Although it has been perhaps the most visible influence, queer theory has been only one of several important influences on the field over the past decade. In this chapter, we detail the new directions in the sociology of sexualities set in motion by challenges in two other areas, as well. In taking up theory and research on "intersectionality," sociologists have begun to specify more concretely the ways in which sexuality is intertwined with the cultural creation of other categories of inequality (race, class, and gender). In taking up the political economy tradition, sociologists have expanded the investigation of the material aspects of sexual identities, values, and exchanges.
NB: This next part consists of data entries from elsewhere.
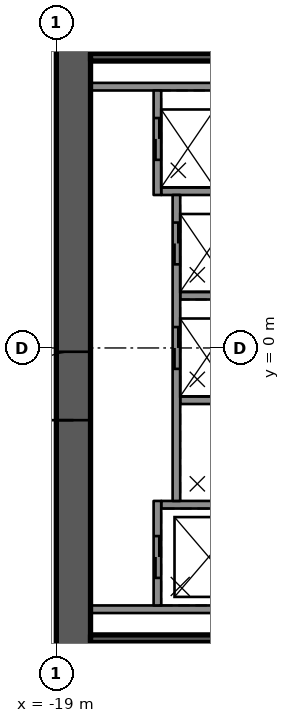
"""IFC4 building model, lengths in metres.
Left out: names, types, materials, properties, quantities, classifications, styles, units other than length and angle.
Written with IfcOpenShell. Run it as: python <this file> out.ifc"""

import sys

from ifc_helpers import new_model, si_unit, direction, frame, frame_2d, origin, place, context, subcontext, project, spatial, rectangle, extrude, element, fill, save


model = new_model("IFC4")
c1 = context("Model", 3, precision=1e-05, world=origin(), true_north=direction((0.0, 1.0)))
c2 = subcontext(c1, "Body", "Model", "MODEL_VIEW")
j1 = project(units=[si_unit("LENGTHUNIT", "METRE"), si_unit("PLANEANGLEUNIT", "RADIAN")], contexts=[c1])
p1 = place(None, origin())
s1 = spatial("IfcSite", under=j1, at=p1, CompositionType="ELEMENT")
p2 = place(p1, origin())
s2 = spatial("IfcBuilding", under=s1, at=p2, CompositionType="ELEMENT")
p3 = place(p2, frame((0.0, 0.0, 29.2)))
s3 = spatial("IfcBuildingStorey", under=s2, at=p3, CompositionType="ELEMENT", Elevation=29.2)
p4 = place(p3, frame((-18.55, -12.0, 0.0), z_axis=(0.0, 0.0, 1.0), x_axis=(0.0, 1.0, 0.0)))
e1 = element("IfcWall", 1, at=p4, inside=s3, PredefinedType="SHEAR", context=c2, shape_type="SweptSolid", body=[
    extrude(rectangle(XDim=24.0, YDim=0.9, at=frame_2d((12.0, 0.0))), origin(), (0.0, 0.0, 1.0), 4.1),
])
p5 = place(p4, frame((10.1, 0.0, 0.0)))
e2 = element("IfcOpeningElement", 2, at=p5, cuts=e1, PredefinedType="OPENING", context=c2, shape_type="SweptSolid", body=[
    extrude(rectangle(XDim=1.8, YDim=2.1, at=frame_2d((0.9, 1.05))), frame((0.0, 0.46, 0.0), z_axis=(0.0, -1.0, 0.0), x_axis=(1.0, 0.0, 0.0)), (0.0, 0.0, 1.0), 0.92),
])
for number, where, z_axis, x_axis in (
    (3, (-11.54, 6.875, 0.0), (0.0, 0.0, 1.0), (-1.0, 0.0, 0.0)),
    (4, (-11.54, -6.875, 0.0), (0.0, 0.0, 1.0), (-1.0, 0.0, 0.0)),
):
    element("IfcWall", number, at=place(p3, frame(where, z_axis=z_axis, x_axis=x_axis)), inside=s3, PredefinedType="SOLIDWALL", context=c2, shape_type="SweptSolid", body=[
        extrude(rectangle(XDim=6.56, YDim=0.2, at=frame_2d((3.28, 0.0))), origin(), (0.0, 0.0, 1.0), 3.68),
    ])
p6 = place(p3, frame((-11.54, -4.125, 0.0), z_axis=(0.0, 0.0, 1.0), x_axis=(-1.0, 0.0, 0.0)))
e5 = element("IfcWall", 5, at=p6, inside=s3, PredefinedType="SOLIDWALL", context=c2, shape_type="SweptSolid", body=[
    extrude(rectangle(XDim=4.7, YDim=0.2, at=frame_2d((2.35, 0.0))), origin(), (0.0, 0.0, 1.0), 3.68),
])
for number, where, z_axis, x_axis in (
    (6, (-11.54, -1.375, 0.0), (0.0, 0.0, 1.0), (-1.0, 0.0, 0.0)),
    (7, (-11.54, 1.375, 0.0), (0.0, 0.0, 1.0), (-1.0, 0.0, 0.0)),
):
    element("IfcWall", number, at=place(p3, frame(where, z_axis=z_axis, x_axis=x_axis)), inside=s3, PredefinedType="SOLIDWALL", context=c2, shape_type="SweptSolid", body=[
        extrude(rectangle(XDim=4.2, YDim=0.2, at=frame_2d((2.1, 0.0))), origin(), (0.0, 0.0, 1.0), 3.68),
    ])
p7 = place(p3, frame((-11.54, 4.125, 0.0), z_axis=(0.0, 0.0, 1.0), x_axis=(-1.0, 0.0, 0.0)))
e8 = element("IfcWall", 8, at=p7, inside=s3, PredefinedType="SOLIDWALL", context=c2, shape_type="SweptSolid", body=[
    extrude(rectangle(XDim=4.7, YDim=0.2, at=frame_2d((2.35, 0.0))), origin(), (0.0, 0.0, 1.0), 3.68),
])
p8 = place(p3, frame((-16.34, -6.775, 0.0), z_axis=(0.0, 0.0, 1.0), x_axis=(0.0, 1.0, 0.0)))
e9 = element("IfcWall", 9, at=p8, inside=s3, PredefinedType="SOLIDWALL", context=c2, shape_type="SweptSolid", body=[
    extrude(rectangle(XDim=2.75, YDim=0.2, at=frame_2d((1.375, 0.0))), origin(), (0.0, 0.0, 1.0), 3.68),
])
p9 = place(p8, frame((0.725, 0.0, 0.0)))
e10 = element("IfcOpeningElement", 10, at=p9, cuts=e9, PredefinedType="OPENING", context=c2, shape_type="SweptSolid", body=[
    extrude(rectangle(XDim=1.1, YDim=2.1, at=frame_2d((0.55, 1.05))), frame((0.0, 0.11, 0.0), z_axis=(0.0, -1.0, 0.0), x_axis=(1.0, 0.0, 0.0)), (0.0, 0.0, 1.0), 0.22),
])
p10 = place(p3, frame((-15.84, -4.025, 0.0), z_axis=(0.0, 0.0, 1.0), x_axis=(0.0, 1.0, 0.0)))
e11 = element("IfcWall", 11, at=p10, inside=s3, PredefinedType="SOLIDWALL", context=c2, shape_type="SweptSolid", body=[
    extrude(rectangle(XDim=8.05, YDim=0.2, at=frame_2d((4.025, 0.0))), origin(), (0.0, 0.0, 1.0), 3.68),
])
p11 = place(p10, frame((3.475, 0.0, 0.0)))
e12 = element("IfcOpeningElement", 12, at=p11, cuts=e11, PredefinedType="OPENING", context=c2, shape_type="SweptSolid", body=[
    extrude(rectangle(XDim=1.1, YDim=2.1, at=frame_2d((0.55, 1.05))), frame((0.0, 0.11, 0.0), z_axis=(0.0, -1.0, 0.0), x_axis=(1.0, 0.0, 0.0)), (0.0, 0.0, 1.0), 0.22),
])
p12 = place(p10, frame((6.225, 0.0, 0.0)))
e13 = element("IfcOpeningElement", 13, at=p12, cuts=e11, PredefinedType="OPENING", context=c2, shape_type="SweptSolid", body=[
    extrude(rectangle(XDim=1.1, YDim=2.1, at=frame_2d((0.55, 1.05))), frame((0.0, 0.11, 0.0), z_axis=(0.0, -1.0, 0.0), x_axis=(1.0, 0.0, 0.0)), (0.0, 0.0, 1.0), 0.22),
])
p13 = place(p3, frame((-16.34, 4.025, 0.0), z_axis=(0.0, 0.0, 1.0), x_axis=(0.0, 1.0, 0.0)))
e14 = element("IfcWall", 14, at=p13, inside=s3, PredefinedType="SOLIDWALL", context=c2, shape_type="SweptSolid", body=[
    extrude(rectangle(XDim=2.75, YDim=0.2, at=frame_2d((1.375, 0.0))), origin(), (0.0, 0.0, 1.0), 3.68),
])
p14 = place(p13, frame((0.925, 0.0, 0.0)))
e15 = element("IfcOpeningElement", 15, at=p14, cuts=e14, PredefinedType="OPENING", context=c2, shape_type="SweptSolid", body=[
    extrude(rectangle(XDim=1.1, YDim=2.1, at=frame_2d((0.55, 1.05))), frame((0.0, 0.11, 0.0), z_axis=(0.0, -1.0, 0.0), x_axis=(1.0, 0.0, 0.0)), (0.0, 0.0, 1.0), 0.22),
])
for number, where, z_axis, x_axis in (
    (16, (-11.54, 7.65, 0.0), (0.0, 0.0, 1.0), (-1.0, 0.0, 0.0)),
    (17, (-11.54, -7.65, 0.0), (0.0, 0.0, 1.0), (-1.0, 0.0, 0.0)),
):
    element("IfcWall", number, at=place(p3, frame(where, z_axis=z_axis, x_axis=x_axis)), inside=s3, PredefinedType="SOLIDWALL", context=c2, shape_type="SweptSolid", body=[
        extrude(rectangle(XDim=6.56, YDim=0.2, at=frame_2d((3.28, 0.0))), origin(), (0.0, 0.0, 1.0), 3.68),
    ])
p15 = place(p9, origin())
e18 = element("IfcDoor", 18, at=p15, inside=s3, OperationType="DOUBLE_DOOR_SLIDING", PredefinedType="DOOR", context=c2, shape_type="SweptSolid", body=[
    extrude(rectangle(XDim=1.1, YDim=2.1, at=frame_2d((0.55, 1.05))), frame((0.0, 0.025, 0.0), z_axis=(0.0, -1.0, 0.0), x_axis=(1.0, 0.0, 0.0)), (0.0, 0.0, 1.0), 0.05),
])
fill(e10, e18)
p16 = place(p11, origin())
e19 = element("IfcDoor", 19, at=p16, inside=s3, OperationType="DOUBLE_DOOR_SLIDING", PredefinedType="DOOR", context=c2, shape_type="SweptSolid", body=[
    extrude(rectangle(XDim=1.1, YDim=2.1, at=frame_2d((0.55, 1.05))), frame((0.0, 0.025, 0.0), z_axis=(0.0, -1.0, 0.0), x_axis=(1.0, 0.0, 0.0)), (0.0, 0.0, 1.0), 0.05),
])
fill(e12, e19)
p17 = place(p12, origin())
e20 = element("IfcDoor", 20, at=p17, inside=s3, OperationType="DOUBLE_DOOR_SLIDING", PredefinedType="DOOR", context=c2, shape_type="SweptSolid", body=[
    extrude(rectangle(XDim=1.1, YDim=2.1, at=frame_2d((0.55, 1.05))), frame((0.0, 0.025, 0.0), z_axis=(0.0, -1.0, 0.0), x_axis=(1.0, 0.0, 0.0)), (0.0, 0.0, 1.0), 0.05),
])
fill(e13, e20)
p18 = place(p14, origin())
e21 = element("IfcDoor", 21, at=p18, inside=s3, OperationType="DOUBLE_DOOR_SLIDING", PredefinedType="DOOR", context=c2, shape_type="SweptSolid", body=[
    extrude(rectangle(XDim=1.1, YDim=2.1, at=frame_2d((0.55, 1.05))), frame((0.0, 0.025, 0.0), z_axis=(0.0, -1.0, 0.0), x_axis=(1.0, 0.0, 0.0)), (0.0, 0.0, 1.0), 0.05),
])
fill(e15, e21)
p19 = place(p5, origin())
e22 = element("IfcDoor", 22, at=p19, inside=s3, OperationType="SINGLE_SWING_LEFT", PredefinedType="DOOR", context=c2, shape_type="SweptSolid", body=[
    extrude(rectangle(XDim=1.8, YDim=2.1, at=frame_2d((0.9, 1.05))), frame((0.0, 0.025, 0.0), z_axis=(0.0, -1.0, 0.0), x_axis=(1.0, 0.0, 0.0)), (0.0, 0.0, 1.0), 0.05),
])
fill(e2, e22)
save(model, sys.argv[1])

Running across these themes, as well, is the impact of "globalization," as sociologists have started to look more closely at the global aspects of queerness, intersectionality, and the political economy of sexuality.
QUEER THEORY, FLUIDITY, AND HETERONORMATIVITY
In their essay in Queer Theory/Sociology, Stein & Plummer suggest four "hallmarks" of queer theory: (a) a notion that sexual power runs throughout social life, and is enforced through "boundaries and binary divides;" (b) a "problematization" of sexual and gender categories as "always on uncertain ground;" (c) a rejection of civil rights strategies in favor of "deconstruction, decentering, revisionist readings, and antiassimilationist politics;" and (d) a "willingness to interrogate areas which normally would not be seen as the terrain of sexuality" (Stein & Plummer 1996, p. 134). Although sociologists have not taken up each of these four hallmarks with equal vigor, the past several years have seen them translated into research at both the microsociological and macrosociological levels.